K-means, EPI Co-design on RISC-V platforms

In this experiment, we summarize the conclusions derived from the study conducted on the target RISC-V platforms. For additional details, the reader is referred to the following document:

Leonel Sousa, et al. : “D4.4 - Second report on codesign”, Version 1.0, Deliverable of the Performance Optimization and Productivity 3 (POP3) Centre of Excellence. December, 2025.

From a co-design perspective, several observations arise from that experiment.

First, the role of vector masks warrants closer examination. It is important to determine whether masking could be reduced or avoided entirely—for example, by loading all strided elements into vector registers unconditionally and applying the mask only during subsequent arithmetic operations.

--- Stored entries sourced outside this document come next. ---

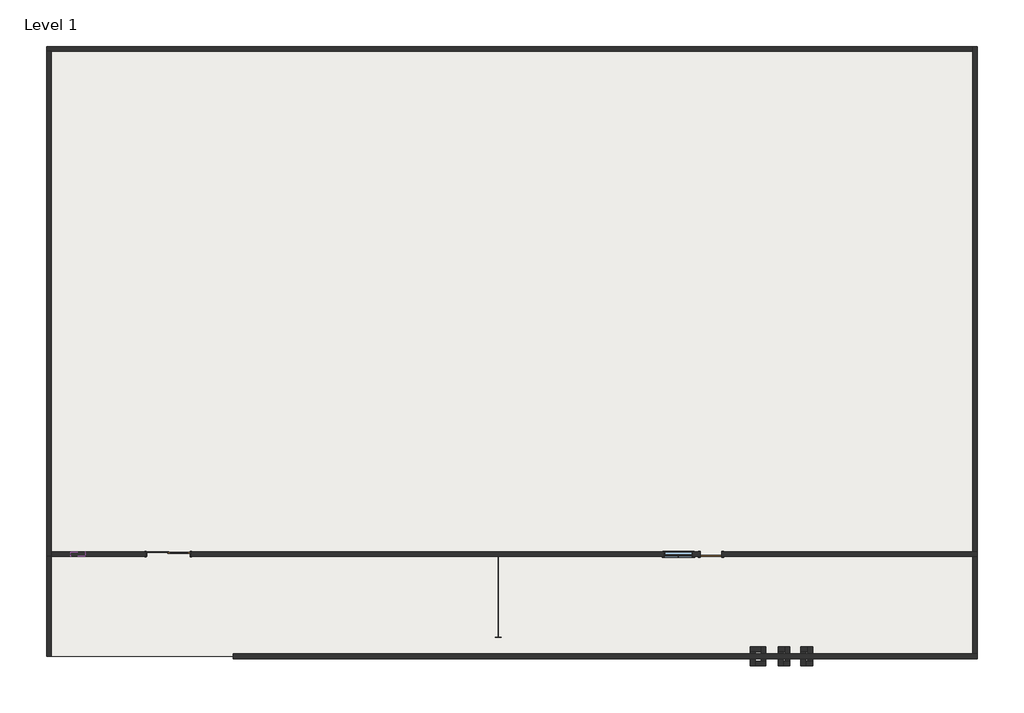
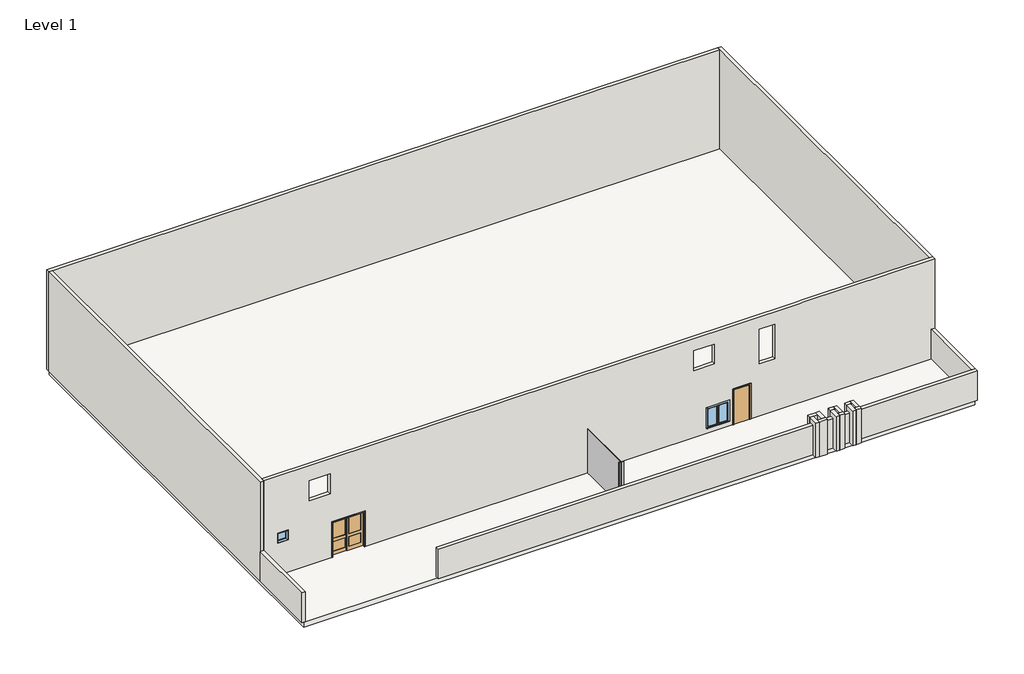
# One storey: 19 walls, 2 doors, 2 windows, 1 column, 1 slab.
"""IFC4 building model written with IfcOpenShell, lengths in millimetres."""

from ifc_helpers import new_model, si_unit, frame, origin, origin_with_axes, place, context, project, spatial, polyline, outline, extrude, faceted_brep, transform, mapped, element, save
from components import w_shapes_column_w10x49_8dea7e6f, door_6868039c, door_54dd4da4, window_0862ab64, window_6846e476

model = new_model("IFC4")

# Units and contexts
model_context = context("Model", 3, world=origin())
ifc_project = project(units=[si_unit("LENGTHUNIT", "METRE", prefix="MILLI")], contexts=[model_context])

# Site, building, storey
site = spatial("IfcSite", under=ifc_project)
building = spatial("IfcBuilding", under=site)
storey = spatial("IfcBuildingStorey", under=building, Name="Level 1", Elevation=0.0)

# Column
placement = place(None, origin())
w_shapes_column_w10x49_shape = w_shapes_column_w10x49_8dea7e6f(model_context)
element("IfcColumn", 1, ObjectType="W Shapes-Column : W10X49", at=placement, inside=storey, context=model_context, shape_type="MappedRepresentation", body=[
    mapped(w_shapes_column_w10x49_shape, transform((-3499.1858676, -16576.9422847, 0.0), x_axis=(1.0, 0.0, 0.0), y_axis=(0.0, 1.0, 0.0), z_axis=(0.0, 0.0, 1.0))),
])

# Doors
door_shape = door_6868039c(model_context)
element("IfcDoor", 2, ObjectType="Door-Interior-Double-Sliding-2_Panel-Wood : 72\" x 84\"", at=placement, inside=storey, context=model_context, shape_type="MappedRepresentation", body=[
    mapped(door_shape, transform((-17399.3252602, -14815.695124, 0.0), x_axis=(1.0, 0.0, 0.0), y_axis=(0.0, 1.0, 0.0), z_axis=(0.0, 0.0, 1.0))),
])
door_2_shape = door_54dd4da4(model_context)
element("IfcDoor", 3, ObjectType="Single-Flush : 36\" x 84\"", at=placement, inside=storey, context=model_context, shape_type="MappedRepresentation", body=[
    mapped(door_2_shape, transform((5460.6747398, -14818.870124, 0.0), x_axis=(-1.0, 0.0, 0.0), y_axis=(0.0, -1.0, 0.0), z_axis=(0.0, 0.0, 1.0))),
])

# Slab
element("IfcSlab", 4, ObjectType="Generic - 12\"", at=placement, inside=storey, context=model_context, shape_type="SweptSolid", body=[
    extrude(outline(polyline([(16585.8747398, 6480.1537948), (16585.8747398, -19123.0462052), (-22428.5252602, -19123.0462052), (-22428.5252602, 6480.1537948), (16585.8747398, 6480.1537948)])), frame((0.0, 0.0, -304.8), z_axis=(0.0, 0.0, 1.0), x_axis=(1.0, 0.0, 0.0)), (0.0, 0.0, 1.0), 304.8),
])

# Walls
element("IfcWall", 5, ObjectType="Generic - 8\"", at=placement, inside=storey, context=model_context, shape_type="Brep", body=[
    faceted_brep([(-22530.1252602, 6378.5537948, 0.0), (-22326.9252602, 6378.5537948, 0.0), (16484.2747398, 6378.5537948, 0.0), (16484.2747398, 6378.5537948, 6096.0), (-22326.9252602, 6378.5537948, 6096.0), (-22530.1252602, 6378.5537948, 6096.0), (-22530.1252602, 6581.7537948, 0.0), (-22530.1252602, 6581.7537948, 6096.0), (16484.2747398, 6581.7537948, 6096.0), (16484.2747398, 6581.7537948, 0.0)], [[[0, 1, 2, 3, 4, 5]], [[6, 7, 8, 9]], [[2, 1, 0, 6, 9]], [[5, 4, 3, 8, 7]], [[0, 5, 7, 6]], [[3, 2, 9, 8]]]),
])
element("IfcWall", 6, ObjectType="Generic - 8\"", at=placement, inside=storey, context=model_context, shape_type="Brep", body=[
    faceted_brep([(-22326.9252602, -14920.470124, 6096.0), (-22326.9252602, -14920.470124, 1828.8), (-22326.9252602, -14920.470124, 0.0), (-22326.9252602, -14717.270124, 0.0), (-22326.9252602, 6378.5537948, 0.0), (-22326.9252602, 6378.5537948, 6096.0), (-22326.9252602, -14717.270124, 6096.0), (-22530.1252602, -14920.470124, 0.0), (-22530.1252602, -14920.470124, 1828.8), (-22530.1252602, -14920.470124, 6096.0), (-22530.1252602, 6378.5537948, 6096.0), (-22530.1252602, 6378.5537948, 0.0)], [[[0, 1, 2, 3, 4, 5, 6]], [[7, 8, 9, 10, 11]], [[4, 3, 2, 7, 11]], [[0, 6, 5, 10, 9]], [[5, 4, 11, 10]], [[0, 9, 8, 7, 2, 1]]]),
])
element("IfcWall", 7, ObjectType="Generic - 8\"", at=placement, inside=storey, context=model_context, shape_type="Brep", body=[
    faceted_brep([(-22326.9252602, -14717.270124, 6096.0), (8806.3760973, -14717.270124, 6096.0), (9009.5760973, -14717.270124, 6096.0), (16484.2747398, -14717.270124, 6096.0), (16687.4747398, -14717.270124, 6096.0), (16687.4747398, -14717.270124, 0.0), (16484.2747398, -14717.270124, 0.0), (5917.8747398, -14717.270124, 0.0), (5917.8747398, -14717.270124, 2133.6), (5003.4747398, -14717.270124, 2133.6), (5003.4747398, -14717.270124, 0.0), (-16459.5252602, -14717.270124, 0.0), (-16459.5252602, -14717.270124, 2159.0), (-18339.1252602, -14717.270124, 2159.0), (-18339.1252602, -14717.270124, 0.0), (-22326.9252602, -14717.270124, 0.0), (-19685.3252602, -14717.270124, 5185.1493756), (-19685.3252602, -14717.270124, 3965.9493756), (-18466.1252602, -14717.270124, 3965.9493756), (-18466.1252602, -14717.270124, 5185.1493756), (-20904.5252602, -14717.270124, 1976.5444437), (-20904.5252602, -14717.270124, 2586.1444437), (-21514.1252602, -14717.270124, 2586.1444437), (-21514.1252602, -14717.270124, 1976.5444437), (6476.6747398, -14717.270124, 3200.4), (7391.0747398, -14717.270124, 3200.4), (7391.0747398, -14717.270124, 5334.0), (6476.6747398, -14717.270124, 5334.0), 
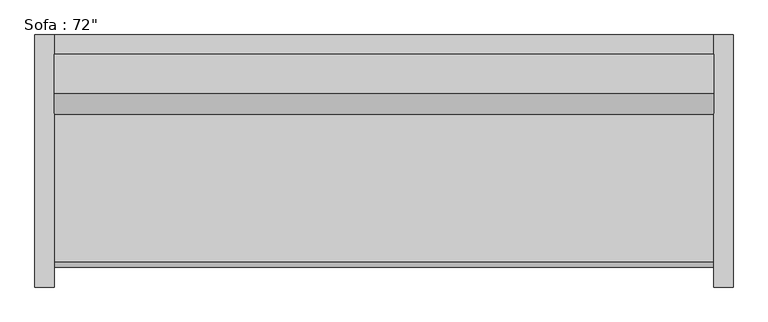
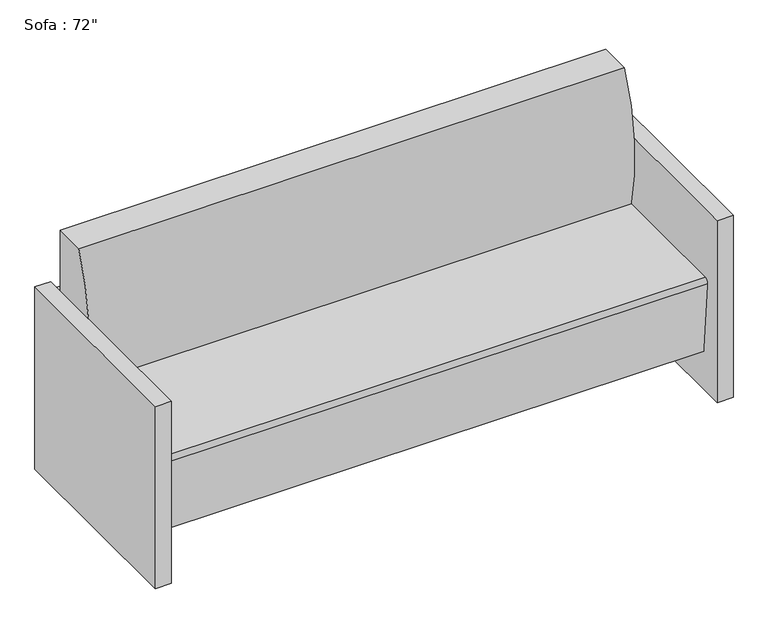
"""IFC4 building model written with IfcOpenShell, lengths in millimetres: furniture geometry."""

from ifc_helpers import new_model, si_unit, point, frame, frame_2d, origin, origin_with_axes, place, context, project, spatial, polyline, circle_curve, trimmed, segment, composite_curve, outline, extrude, source, transform, mapped, element, save


def furniture_a4ffab56(model_context):
    return source(origin(), model_context, "Body", "SweptSolid", [
        extrude(outline(polyline([(-793.2295082, 425.5540984), (-793.2295082, 476.3540984), (933.9704918, 476.3540984), (933.9704918, 425.5540984), (-793.2295082, 425.5540984)])), frame((0.0, 0.0, 457.2), z_axis=(0.0, 0.0, 1.0), x_axis=(1.0, 0.0, 0.0)), (0.0, 0.0, 1.0), 127.0),
        extrude(outline(polyline([(-793.2295082, 425.5540984), (-793.2295082, 476.3540984), (933.9704918, 476.3540984), (933.9704918, 425.5540984), (-793.2295082, 425.5540984)])), frame((0.0, 0.0, 266.7), z_axis=(0.0, 0.0, 1.0), x_axis=(1.0, 0.0, 0.0)), (0.0, 0.0, 1.0), 127.0),
        extrude(outline(polyline([(-793.2295082, 425.5540984), (-793.2295082, 476.3540984), (933.9704918, 476.3540984), (933.9704918, 425.5540984), (-793.2295082, 425.5540984)])), frame((0.0, 0.0, 76.2), z_axis=(0.0, 0.0, 1.0), x_axis=(1.0, 0.0, 0.0)), (0.0, 0.0, 1.0), 127.0),
        extrude(outline(composite_curve([segment(trimmed(circle_curve(frame_2d((926.517198, 542.5300036)), 660.4), [point((286.1764935, 381.0))], [point((323.9540984, 812.8))], False, "CARTESIAN"), True, "CONTINUOUS"), segment(polyline([(323.9540984, 812.8), (425.5540984, 812.8), (425.5540984, 127.9665467), (-111.108343, 127.9665467), (-132.0379563, 367.1931221)]), True, "CONTINUOUS"), segment(trimmed(circle_curve(frame_2d((-119.3862837, 368.3)), 12.7), [point((-132.0379563, 367.1931221))], [point((-119.3862837, 381.0))], False, "CARTESIAN"), True, "CONTINUOUS"), segment(polyline([(-119.3862837, 381.0), (286.1764935, 381.0)]), True, "CONTINUOUS")], self_intersect=False)), frame((-793.2295082, 0.0, 0.0), z_axis=(1.0, 0.0, 0.0), x_axis=(0.0, 1.0, 0.0)), (0.0, 0.0, 1.0), 1727.2),
        extrude(outline(polyline([(-844.0295082, 476.3540984), (-793.2295082, 476.3540984), (-793.2295082, -184.0459016), (-844.0295082, -184.0459016), (-844.0295082, 476.3540984)])), origin_with_axes(), (0.0, 0.0, 1.0), 609.6),
        extrude(outline(polyline([(984.7704918, 476.3540984), (984.7704918, -184.0459016), (933.9704918, -184.0459016), (933.9704918, 476.3540984), (984.7704918, 476.3540984)])), origin_with_axes(), (0.0, 0.0, 1.0), 609.6),
    ])


if __name__ == "__main__":
    model = new_model("IFC4")
    model_context = context("Model", 3, world=origin())
    ifc_project = project(units=[si_unit("LENGTHUNIT", "METRE", prefix="MILLI")], contexts=[model_context])
    site = spatial("IfcSite", under=ifc_project)
    building = spatial("IfcBuilding", under=site)
    placement = place(None, origin())
    furniture_shape = furniture_a4ffab56(model_context)
    element("IfcFurniture", 1, ObjectType="Sofa : 72\"", at=placement, inside=building, context=model_context, shape_type="MappedRepresentation", body=[
        mapped(furniture_shape, transform((0.0, 0.0, 0.0), x_axis=(1.0, 0.0, 0.0), y_axis=(0.0, 1.0, 0.0), z_axis=(0.0, 0.0, 1.0))),
    ])
    save(model, "model.ifc")

# Revit data of these elements
# Type "Sofa : 72\""
#   Assembly Code = "E2020200"
#   Width = 6' - 0"
#   Seat Material = Leather - Black
#   Frame Material = Carpet (2)
#   Default Elevation = 0
# Element 1 (IfcFurniture, "Sofa : 72\"")
#   Materials on its faces: "Cherry", "Carpet (2)", "Leather - Black"
# Materials
#   "Leather - Black": class "Generic", colour RGB 40 40 40, transparency 0, Cost = 0
#   "Carpet (2)": class "Carpet", colour RGB 0 0 0, transparency 0, Description = "Interior finish"
#   "Cherry": class "Wood", colour RGB 226 177 128, transparency 0, Description = "Prunus Serotina", Cost = 0

If masks contain many zero entries, it is also relevant to investigate whether the hardware can avoid unnecessary cache-line fetches. Equally important is the question of whether analysis tools can expose the actual runtime mask values, which would greatly facilitate more detailed performance assessments.

Loop transformations constitute another area with potential for optimization. Applying loop interchange may reduce or eliminate reduction operations, and it remains uncertain whether the compiler can reliably detect and apply such transformations automatically.

Instruction-level overlap represents an additional opportunity: scalar instructions that follow a vectorized block within the same iteration could potentially be overlapped with the vectorized portion of subsequent iterations, provided that no data dependencies prevent this reordering.

With respect to memory access patterns, indirect indexed loads and stores should be avoided, as they generally inhibit the compiler’s ability to generate efficient vectorized code.